We want the equality of morphisms to be trivial. We can use the notion of sets to re-define this:
*Definition (category).*
- a type $CC_0$ of objects
- For $x, y : CC_0$ , a *set* $CC_1 (x, y)$ of morphisms
- For $x : CC_0$ an identity morphism $id_x : CC_1 (x, x)$
- For $x,y,z:CC_0$ and $f:CC_1 (x,y) $ and $g : CC_1(y,z)$ a composition $f dot g : CC_1 (x ,z)$
Examples of categories:
#let SET = $bold("SET")$
- The category $SET$ of sets and functions
- This is a category because we can compose functions and have identity functions
- Category of pointed sets and point preserving maps
- Example of a set with additional structure. A morphism is a function that preserves the structure
- Defined: #[
Pointed set $(X : Set), (x : X)$. Morphism from $(X, x)$ to $(Y, y)$, give $f : X -> Y$ such that $f(x) equiv y$
]
- Category of monoids and homomorphisms
== Isomorphisms
We actually want something stronger than morphisms. There are several definitions of isomorphisms.

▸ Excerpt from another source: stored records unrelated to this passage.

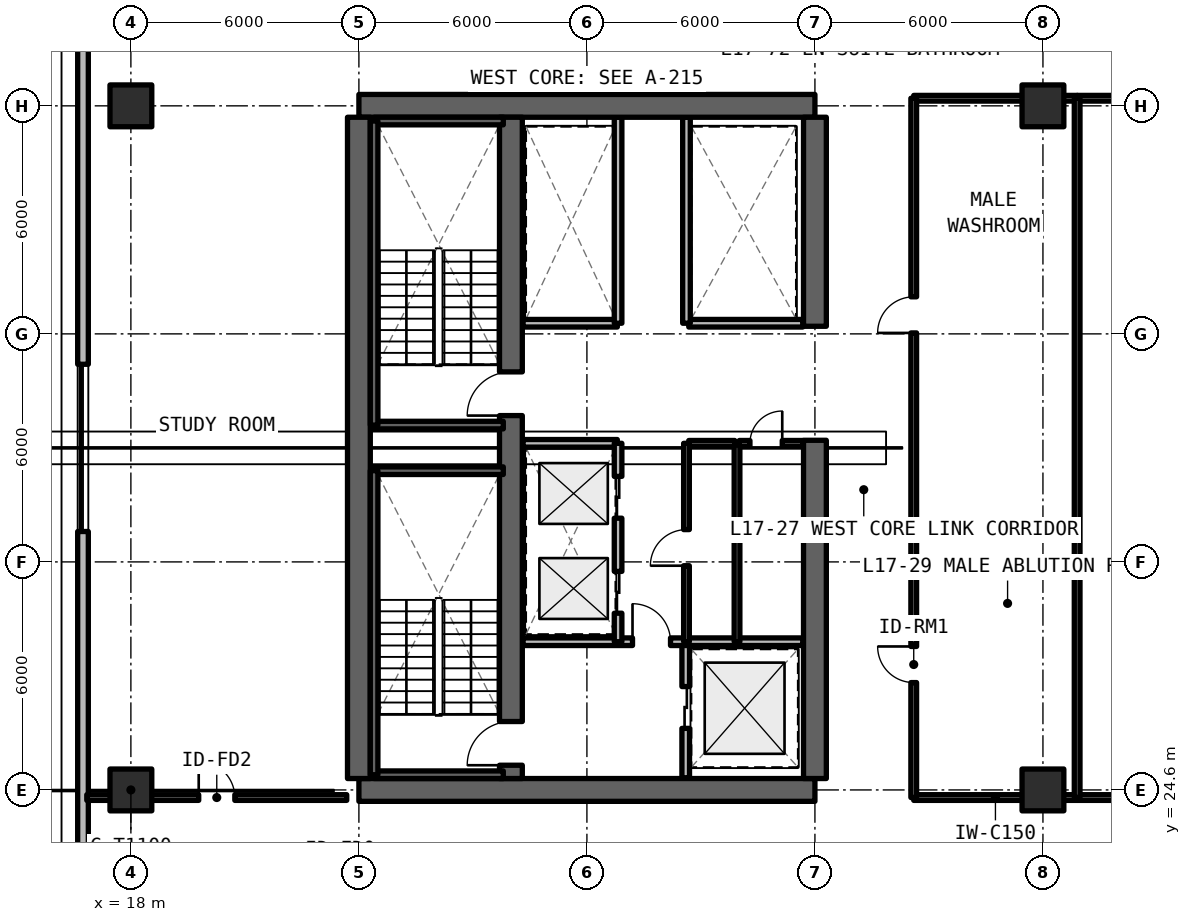
"""IFC4 building model, lengths in metres.
Left out: names, types, materials, properties, quantities, classifications, styles, units other than length and angle.
Written with IfcOpenShell. Run it as: python <this file> out.ifc"""

import sys

from ifc_helpers import new_model, si_unit, direction, frame, frame_2d, origin, origin_2d, place, context, subcontext, project, spatial, rectangle, extrude, element, fill, save


model = new_model("IFC4")
c1 = context("Model", 3, precision=1e-05, world=origin(), true_north=direction((0.0, 1.0)))
c2 = subcontext(c1, "Body", "Model", "MODEL_VIEW")
j1 = project(units=[si_unit("LENGTHUNIT", "METRE"), si_unit("PLANEANGLEUNIT", "RADIAN")], contexts=[c1])
p1 = place(None, origin())
s1 = spatial("IfcSite", under=j1, at=p1, CompositionType="ELEMENT")
p2 = place(p1, origin())
s2 = spatial("IfcBuilding", under=s1, at=p2, CompositionType="ELEMENT")
p3 = place(p2, frame((0.0, 0.0, 62.37)))
s3 = spatial("IfcBuildingStorey", under=s2, at=p3, CompositionType="ELEMENT", Elevation=62.37)
for number, where, z_axis, x_axis in (
    (1, (24.0, 24.6, 0.0), (0.0, 0.0, 1.0), (1.0, 0.0, 0.0)),
    (2, (36.0, 42.6, 0.0), (0.0, 0.0, 1.0), (-1.0, 0.0, 0.0)),
):
    element("IfcWall", number, at=place(p3, frame(where, z_axis=z_axis, x_axis=x_axis)), inside=s3, PredefinedType="SHEAR", context=c2, shape_type="SweptSolid", body=[
        extrude(rectangle(XDim=12.0, YDim=0.6, at=frame_2d((6.0, 0.0))), origin(), (0.0, 0.0, 1.0), 3.63),
    ])
p4 = place(p3, frame((24.0, 24.9, 0.0), z_axis=(0.0, 0.0, 1.0), x_axis=(0.0, 1.0, 0.0)))
e3 = element("IfcWall", 3, at=p4, inside=s3, PredefinedType="SHEAR", context=c2, shape_type="SweptSolid", body=[
    extrude(rectangle(XDim=17.4, YDim=0.6, at=frame_2d((8.7, 0.0))), origin(), (0.0, 0.0, 1.0), 3.63),
])
p5 = place(p3, frame((36.0, 24.9, 0.0), z_axis=(0.0, 0.0, 1.0), x_axis=(0.0, 1.0, 0.0)))
e4 = element("IfcWall", 4, at=p5, inside=s3, PredefinedType="SHEAR", context=c2, shape_type="SweptSolid", body=[
    extrude(rectangle(XDim=8.9, YDim=0.6, at=frame_2d((4.45, 0.0))), origin(), (0.0, 0.0, 1.0), 3.63),
])
p6 = place(p3, frame((36.0, 36.8, 0.0), z_axis=(0.0, 0.0, 1.0), x_axis=(0.0, 1.0, 0.0)))
e5 = element("IfcWall", 5, at=p6, inside=s3, PredefinedType="SHEAR", context=c2, shape_type="SweptSolid", body=[
    extrude(rectangle(XDim=5.5, YDim=0.6, at=frame_2d((2.75, 0.0))), origin(), (0.0, 0.0, 1.0), 3.63),
])
p7 = place(p3, frame((28.0, 24.9, 0.0), z_axis=(0.0, 0.0, 1.0), x_axis=(0.0, 1.0, 0.0)))
e6 = element("IfcWall", 6, at=p7, inside=s3, PredefinedType="SHEAR", context=c2, shape_type="SweptSolid", body=[
    extrude(rectangle(XDim=17.4, YDim=0.6, at=frame_2d((8.7, 0.0))), origin(), (0.0, 0.0, 1.0), 3.63),
])
p8 = place(p7, frame((0.35, 0.0, 0.0)))
e7 = element("IfcOpeningElement", 7, at=p8, cuts=e6, PredefinedType="OPENING", context=c2, shape_type="SweptSolid", body=[
    extrude(rectangle(XDim=1.15, YDim=2.15, at=frame_2d((0.575, 1.075))), frame((0.0, 0.31, 0.0), z_axis=(0.0, -1.0, 0.0), x_axis=(1.0, 0.0, 0.0)), (0.0, 0.0, 1.0), 0.62),
])
p9 = place(p7, frame((9.55, 0.0, 0.0)))
e8 = element("IfcOpeningElement", 8, at=p9, cuts=e6, PredefinedType="OPENING", context=c2, shape_type="SweptSolid", body=[
    extrude(rectangle(XDim=1.15, YDim=2.15, at=frame_2d((0.575, 1.075))), frame((0.0, 0.31, 0.0), z_axis=(0.0, -1.0, 0.0), x_axis=(1.0, 0.0, 0.0)), (0.0, 0.0, 1.0), 0.62),
])
for number, where, z_axis, x_axis in (
    (9, (18.0, 24.6, 0.0), (0.0, 0.0, 1.0), (1.0, 0.0, 0.0)),
    (10, (18.0, 42.6, 0.0), (0.0, 0.0, 1.0), (1.0, 0.0, 0.0)),
    (11, (42.0, 24.6, 0.0), (0.0, 0.0, 1.0), (1.0, 0.0, 0.0)),
    (12, (42.0, 42.6, 0.0), (0.0, 0.0, 1.0), (1.0, 0.0, 0.0)),
):
    element("IfcColumn", number, at=place(p3, frame(where, z_axis=z_axis, x_axis=x_axis)), inside=s3, PredefinedType="COLUMN", context=c2, shape_type="SweptSolid", body=[
        extrude(rectangle(XDim=1.1, YDim=1.1, at=origin_2d()), origin(), (0.0, 0.0, 1.0), 3.63),
    ])
p10 = place(p3, frame((16.74, 55.342, 0.0), z_axis=(0.0, 0.0, 1.0), x_axis=(0.0, -1.0, 0.0)))
e13 = element("IfcWall", 13, at=p10, inside=s3, PredefinedType="SOLIDWALL", context=c2, shape_type="SweptSolid", body=[
    extrude(rectangle(XDim=43.484, YDim=0.28, at=frame_2d((21.742, 0.0))), origin(), (0.0, 0.0, 1.0), 3.41),
])
p11 = place(p10, frame((19.542, 0.0, 0.78)))
e14 = element("IfcOpeningElement", 14, at=p11, cuts=e13, PredefinedType="OPENING", context=c2, shape_type="SweptSolid", body=[
    extrude(rectangle(XDim=4.4, YDim=1.66, at=frame_2d((2.2, 0.83))), frame((0.0, 0.15, 0.0), z_axis=(0.0, -1.0, 0.0), x_axis=(1.0, 0.0, 0.0)), (0.0, 0.0, 1.0), 0.3),
])
p12 = place(p10, frame((37.573, 0.0, 0.78)))
e15 = element("IfcOpeningElement", 15, at=p12, cuts=e13, PredefinedType="OPENING", context=c2, shape_type="SweptSolid", body=[
    extrude(rectangle(XDim=4.4, YDim=1.66, at=frame_2d((2.2, 0.83))), frame((0.0, 0.15, 0.0), z_axis=(0.0, -1.0, 0.0), x_axis=(1.0, 0.0, 0.0)), (0.0, 0.0, 1.0), 0.3),
])
p13 = place(p3, frame((32.6, 24.92, 0.0), z_axis=(0.0, 0.0, 1.0), x_axis=(0.0, 1.0, 0.0)))
e16 = element("IfcWall", 16, at=p13, inside=s3, PredefinedType="SOLIDWALL", context=c2, shape_type="SweptSolid", body=[
    extrude(rectangle(XDim=3.58, YDim=0.2, at=frame_2d((1.79, 0.0))), origin(), (0.0, 0.0, 1.0), 2.63),
])
p14 = place(p13, frame((1.3, 0.0, 0.0)))
e17 = element("IfcOpeningElement", 17, at=p14, cuts=e16, PredefinedType="OPENING", context=c2, shape_type="SweptSolid", body=[
    extrude(rectangle(XDim=1.1, YDim=2.2, at=frame_2d((0.55, 1.1))), frame((0.0, 0.11, 0.0), z_axis=(0.0, -1.0, 0.0), x_axis=(1.0, 0.0, 0.0)), (0.0, 0.0, 1.0), 0.22),
])
p15 = place(p3, frame((28.32, 28.5, 0.0), z_axis=(0.0, 0.0, 1.0), x_axis=(1.0, 0.0, 0.0)))
e18 = element("IfcWall", 18, at=p15, inside=s3, PredefinedType="SOLIDWALL", context=c2, shape_type="SweptSolid", body=[
    extrude(rectangle(XDim=7.36, YDim=0.2, at=frame_2d((3.68, 0.0))), origin(), (0.0, 0.0, 1.0), 2.63),
])
p16 = place(p15, frame((2.88, 0.0, 0.0)))
e19 = element("IfcOpeningElement", 19, at=p16, cuts=e18, PredefinedType="OPENING", context=c2, shape_type="SweptSolid", body=[
    extrude(rectangle(XDim=1.0, YDim=2.15, at=frame_2d((0.5, 1.075))), frame((0.0, 0.11, 0.0), z_axis=(0.0, -1.0, 0.0), x_axis=(1.0, 0.0, 0.0)), (0.0, 0.0, 1.0), 0.22),
])
p17 = place(p3, frame((28.32, 33.72, 0.0), z_axis=(0.0, 0.0, 1.0), x_axis=(1.0, 0.0, 0.0)))
e20 = element("IfcWall", 20, at=p17, inside=s3, PredefinedType="SOLIDWALL", context=c2, shape_type="SweptSolid", body=[
    extrude(rectangle(XDim=2.48, YDim=0.2, at=frame_2d((1.24, 0.0))), origin(), (0.0, 0.0, 1.0), 2.63),
])
p18 = place(p3, frame((30.82, 28.5, 0.0), z_axis=(0.0, 0.0, 1.0), x_axis=(0.0, 1.0, 0.0)))
e21 = element("IfcWall", 21, at=p18, inside=s3, PredefinedType="SOLIDWALL", context=c2, shape_type="SweptSolid", body=[
    extrude(rectangle(XDim=5.22, YDim=0.2, at=frame_2d((2.61, 0.0))), origin(), (0.0, 0.0, 1.0), 2.63),
])
p19 = place(p18, frame((0.75, 0.0, 0.0)))
e22 = element("IfcOpeningElement", 22, at=p19, cuts=e21, PredefinedType="OPENING", context=c2, shape_type="SweptSolid", body=[
    extrude(rectangle(XDim=1.1, YDim=2.2, at=frame_2d((0.55, 1.1))), frame((0.0, 0.11, 0.0), z_axis=(0.0, -1.0, 0.0), x_axis=(1.0, 0.0, 0.0)), (0.0, 0.0, 1.0), 0.22),
])
p20 = place(p18, frame((3.25, 0.0, 0.0)))
e23 = element("IfcOpeningElement", 23, at=p20, cuts=e21, PredefinedType="OPENING", context=c2, shape_type="SweptSolid", body=[
    extrude(rectangle(XDim=1.1, YDim=2.2, at=frame_2d((0.55, 1.1))), frame((0.0, 0.11, 0.0), z_axis=(0.0, -1.0, 0.0), x_axis=(1.0, 0.0, 0.0)), (0.0, 0.0, 1.0), 0.22),
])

*Definition.* A morphism $f : CC_1 (x, y)$ is an isomorphism if the map $lambda (g : CC_1 (y,z)). f dot g$ is an equivalence for every $z : CC_0$
This might seem strange. This is strange because it was developed in a way that it works with precategories. The statement says "precomposition is an equivalence".
The one you might actually want is that you have an inverse map such as both of their compositions is the identity. This is more standard. However, this is only well-behaved if they are sets. Otherwise we can't guarantee there is a unique proof of isomorphism without further coherences.
(UniMath: `z_iso`)
== Univalent categories
*Definition (univalence).* For all types $X, Y$ we have a map $ idtoeqv(X, Y) : X propeq Y -> X tilde.eq Y $
The _univalence axiom_ says that this map is an equivalence.
For categories we can copy-paste this definition.
*Definition (univalent categories).* Let $CC$ be a category.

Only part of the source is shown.